Einen Moment dachte ich über das Angebot nach. Es klang sehr verlockend und gleichzeitig wirklich gruselig. Schließlich schüttelte ich meinen Kopf und lehnet dankend ab: „Das ist ein großzügiges Angebot, aber ich möchte, um ehrlich zu sein, lieber alle meine Gefühle spüren.
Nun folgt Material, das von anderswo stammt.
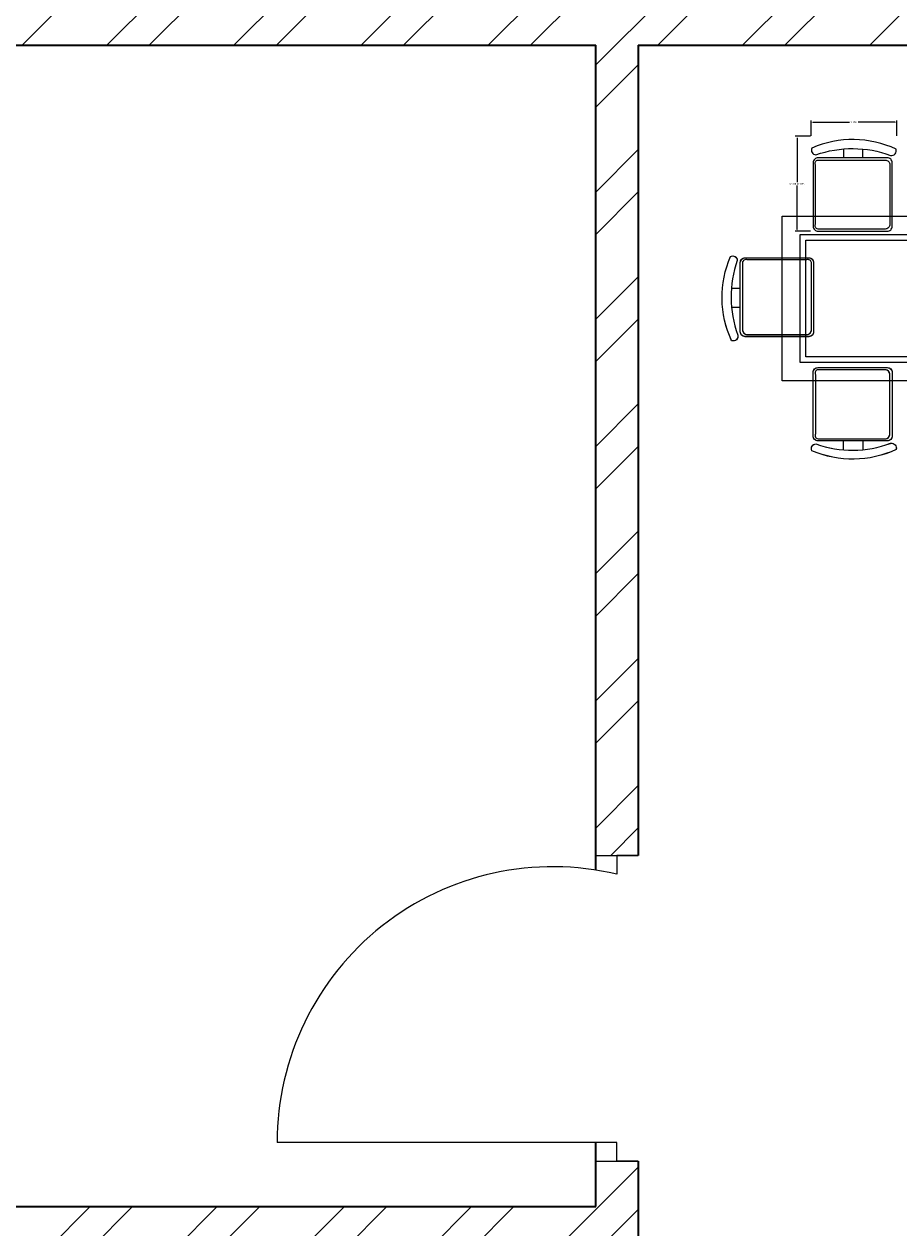
# Model space of a CAD drawing. Units: inches. Extents: x 2120 to 4013, y 1390 to 3019.
# Tile 6 of 59: x 2355 to 2448, y 1740 to 1868. Entities that reach past the tile are written whole.
import ezdxf

# ---------------------------------------------------------------- set-up
doc = ezdxf.new("R2010")
doc.units = ezdxf.units.IN
for name, color, linetype, lineweight in [('A-ANNO-DIMS', 2, 'Continuous', 18), ('A-DOOR', 3, 'Continuous', 18), ('A-FURN', 8, 'Continuous', 13), ('A-WALL', 7, 'Continuous', 35), ('A-WALL-PATT', 252, 'Continuous', 13)]:
    doc.layers.add(name, color=color, linetype=linetype, lineweight=lineweight)
doc.styles.get("Standard").update_dxf_attribs({"font": 'arial.ttf'})
doc.dimstyles.get("Standard").update_dxf_attribs({"dimtxt": 0.18, "dimasz": 0.18, "dimexe": 0.18, "dimexo": 0.0625, "dimgap": 0.09, "dimtad": 0, "dimtih": 1, "dimtoh": 1, "dimdec": 4, "dimzin": 0, "dimdsep": 46, "dimtxsty": 'Standard', "dimcen": 0.09, "dimadec": 0, "dimazin": 0, "dimtfac": 1, "dimtdec": 4, "dimtofl": 0, "dimtmove": 0, "dimatfit": 3, "dimfxl": 1, "dimtolj": 1, "dimtzin": 0, "dimarcsym": 0})

# ---------------------------------------------------------------- blocks, each defined once
blk = doc.blocks.new('DOOR-SWING-36IN-103p48DEG')
for p, q in [((33.75, 32.39), (38.25, 32.39)), ((38.25, 32.39), (36, 32.39)), ((36, 32.39), (36, 30.39)), ((36, 2), (0, 2)), ((36, 0), (36, 2)), ((33.75, 0), (38.25, 0)), ((38.25, 0), (36, 0))]:
    blk.add_line(p, q)
blk.add_arc((29.19, 2), 29.19, 76.5207, 180)
blk = doc.blocks.new('TABLE-DINING')
for points in [[(0, 17.41), (29.01, 17.41), (29.01, 0), (0, 0)], [(1.93, 15.47), (27.08, 15.47), (27.08, 1.93), (1.93, 1.93)], [(2.51, 14.89), (26.5, 14.89), (26.5, 2.51), (2.51, 2.51)]]:
    blk.add_lwpolyline(points, close=True)
blk = doc.blocks.new('CHAIR-DINING-07')
for points in [[(0.62, 8.03, -0.578392), (0.02, 8.69, -0.214524), (8.94, 8.81, -0.552014), (8.52, 8.09, 0.175809), (0.62, 8.03)], [(8.29, 7.77, -0.414214), (8.81, 7.26), (8.81, 0.51, -0.414214), (8.29, 0), (0.96, 0, -0.414214), (0.45, 0.51), (0.45, 7.26, -0.414214), (0.96, 7.77), (8.29, 7.77)], [(3.54, 7.77), (3.54, 8.7, 0.064759)]]:
    blk.add_lwpolyline(points, format="xyb")
blk.add_lwpolyline([(5.59, 8.72), (5.59, 7.77)])
blk.add_lwpolyline([(8.29, 7.54), (1.19, 7.54, 0.414214), (0.68, 7.03), (0.68, 0.74, 0.414214), (1.19, 0.23), (8.29, 0.23, 0.512069), (8.58, 0.74), (8.58, 7.03, 0.512069)], format="xyb", close=True)
blk = doc.blocks.new('CHAIR-DINING-08')
for points in [[(0.47, 8.09, -0.175809), (8.38, 8.03, 0.578392), (8.97, 8.69, 0.214524), (0.06, 8.81, 0.552014), (0.47, 8.09, -0.065079)], [(8.04, 7.77), (0.71, 7.77, 0.414214), (0.19, 7.26), (0.19, 0.51, 0.414214), (0.71, 0), (8.04, 0, 0.414214), (8.55, 0.51), (8.55, 7.26, 0.414214), (8.04, 7.77)], [(5.46, 7.77), (5.46, 8.7, -0.064759)]]:
    blk.add_lwpolyline(points, format="xyb")
blk.add_lwpolyline([(3.41, 8.72), (3.41, 7.77)])
blk.add_lwpolyline([(0.71, 7.54), (7.81, 7.54, -0.414214), (8.32, 7.03), (8.32, 0.74, -0.414214), (7.81, 0.23), (0.71, 0.23, -0.512069), (0.42, 0.74), (0.42, 7.03, -0.512069)], format="xyb", close=True)
blk = doc.blocks.new('CHAIR-DINING-11')
for points in [[(0.47, 8.09, -0.175809), (8.38, 8.03, 0.578392), (8.97, 8.69, 0.214524), (0.06, 8.81, 0.552014), (0.47, 8.09, -0.065079)], [(8.04, 7.77), (0.71, 7.77, 0.414214), (0.19, 7.26), (0.19, 0.51, 0.414214), (0.71, 0), (8.04, 0, 0.414214), (8.55, 0.51), (8.55, 7.26, 0.414214), (8.04, 7.77)], [(5.46, 7.77), (5.46, 8.7, -0.064759)]]:
    blk.add_lwpolyline(points, format="xyb")
blk.add_lwpolyline([(3.41, 8.72), (3.41, 7.77)])
blk.add_lwpolyline([(0.71, 7.54), (7.81, 7.54, -0.414214), (8.32, 7.03), (8.32, 0.74, -0.414214), (7.81, 0.23), (0.71, 0.23, -0.512069), (0.42, 0.74), (0.42, 7.03, -0.512069)], format="xyb", close=True)
blk = doc.blocks.new('CHAIR-DINING-16')
for points in [[(8.04, 1.93), (0.71, 1.93, -0.414214), (0.19, 2.45), (0.19, 9.19, -0.414214), (0.71, 9.7), (8.04, 9.7, -0.414214), (8.55, 9.19), (8.55, 2.45, -0.414214), (8.04, 1.93)], [(8.38, 1.68, -0.578392), (8.97, 1.02, -0.214524), (0.06, 0.9, -0.552014), (0.47, 1.62, 0.175809), (8.38, 1.68)], [(5.46, 1.93), (5.46, 1.01, 0.064759)]]:
    blk.add_lwpolyline(points, format="xyb")
blk.add_lwpolyline([(0.71, 2.16), (7.81, 2.16, 0.414214), (8.32, 2.68), (8.32, 8.96, 0.414214), (7.81, 9.47), (0.71, 9.47, 0.512069), (0.42, 8.96), (0.42, 2.68, 0.512069)], format="xyb", close=True)
blk.add_lwpolyline([(3.41, 0.99), (3.41, 1.93)])
blk = doc.blocks.new('*D101')
at = {"layer": 'A-ANNO-DIMS', "color": 0, "lineweight": -2, "transparency": 16777216}
for p, q in [((2438.5, 1855.88), (2436.88, 1855.88)), ((2437.06, 1855.7), (2437.06, 1851.04)), ((2437.06, 1846.01), (2437.06, 1850.67)), ((2438.5, 1845.83), (2436.88, 1845.83))]:
    blk.add_line(p, q, dxfattribs=at)
at = {"layer": 'A-ANNO-DIMS', "color": 0, "transparency": 16777216}
for points in [[(2437.03, 1855.7), (2437.09, 1855.7), (2437.06, 1855.88)], [(2437.03, 1846.01), (2437.09, 1846.01), (2437.06, 1845.83)]]:
    blk.add_solid(points, dxfattribs=at)
at = {"layer": 'Defpoints', "color": 0, "transparency": 16777216}
for p in [(2437.06, 1855.88), (2438.56, 1855.88), (2438.56, 1845.83)]:
    blk.add_point(p, dxfattribs=at)
at = {"layer": 'A-ANNO-DIMS', "color": 0, "transparency": 16777216, "insert": (2437.06, 1850.85), "char_height": 0.18, "attachment_point": 5}
blk.add_mtext('\\A1;CHAIR 10 TYP.', dxfattribs=at)
blk = doc.blocks.new('*D102')
at = {"layer": 'A-ANNO-DIMS', "color": 0, "lineweight": -2, "transparency": 16777216}
for p, q in [((2438.56, 1855.94), (2438.56, 1857.56)), ((2438.74, 1857.38), (2442.63, 1857.38)), ((2447.44, 1857.38), (2443.55, 1857.38)), ((2447.62, 1855.94), (2447.62, 1857.56))]:
    blk.add_line(p, q, dxfattribs=at)
at = {"layer": 'A-ANNO-DIMS', "color": 0, "transparency": 16777216}
for points in [[(2438.74, 1857.41), (2438.74, 1857.35), (2438.56, 1857.38)], [(2447.44, 1857.41), (2447.44, 1857.35), (2447.62, 1857.38)]]:
    blk.add_solid(points, dxfattribs=at)
at = {"layer": 'Defpoints', "color": 0, "transparency": 16777216}
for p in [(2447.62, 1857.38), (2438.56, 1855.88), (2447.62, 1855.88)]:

So kann ich lernen mit ihnen umzugehen und meine Situation besser zu erfassen."
„Das ist eine gute Methode", lobte mich Amy und warf mir einen stolzen Blick zu.
Verwirrt schaute ich sie an. Was hatte ich eben verpasst? Der Barmann kam zu meiner Rettung und erklärte: „Du solltest dich nicht wundern. Amy ist von Beruf Psychologin. Sie hilft vor allem Menschen, Flammengeborenen und Leviathanen, die einen furchtbaren Schicksalsschlag erlitten haben. Zum Teil schwächt sie ein paar Emotionen, damit die Patienten zuerst mit einigen wenigen negativen Gefühlen zurechtkommen müssen und nicht in Gefahr laufen sich selbst umzubringen. Allerdings wendet sie den Kniff, meiner Meinung nach, zu häufig an. Man muss schließlich mit dem Leben klar kommen, auch wenn es einem Steine in den Weg legt."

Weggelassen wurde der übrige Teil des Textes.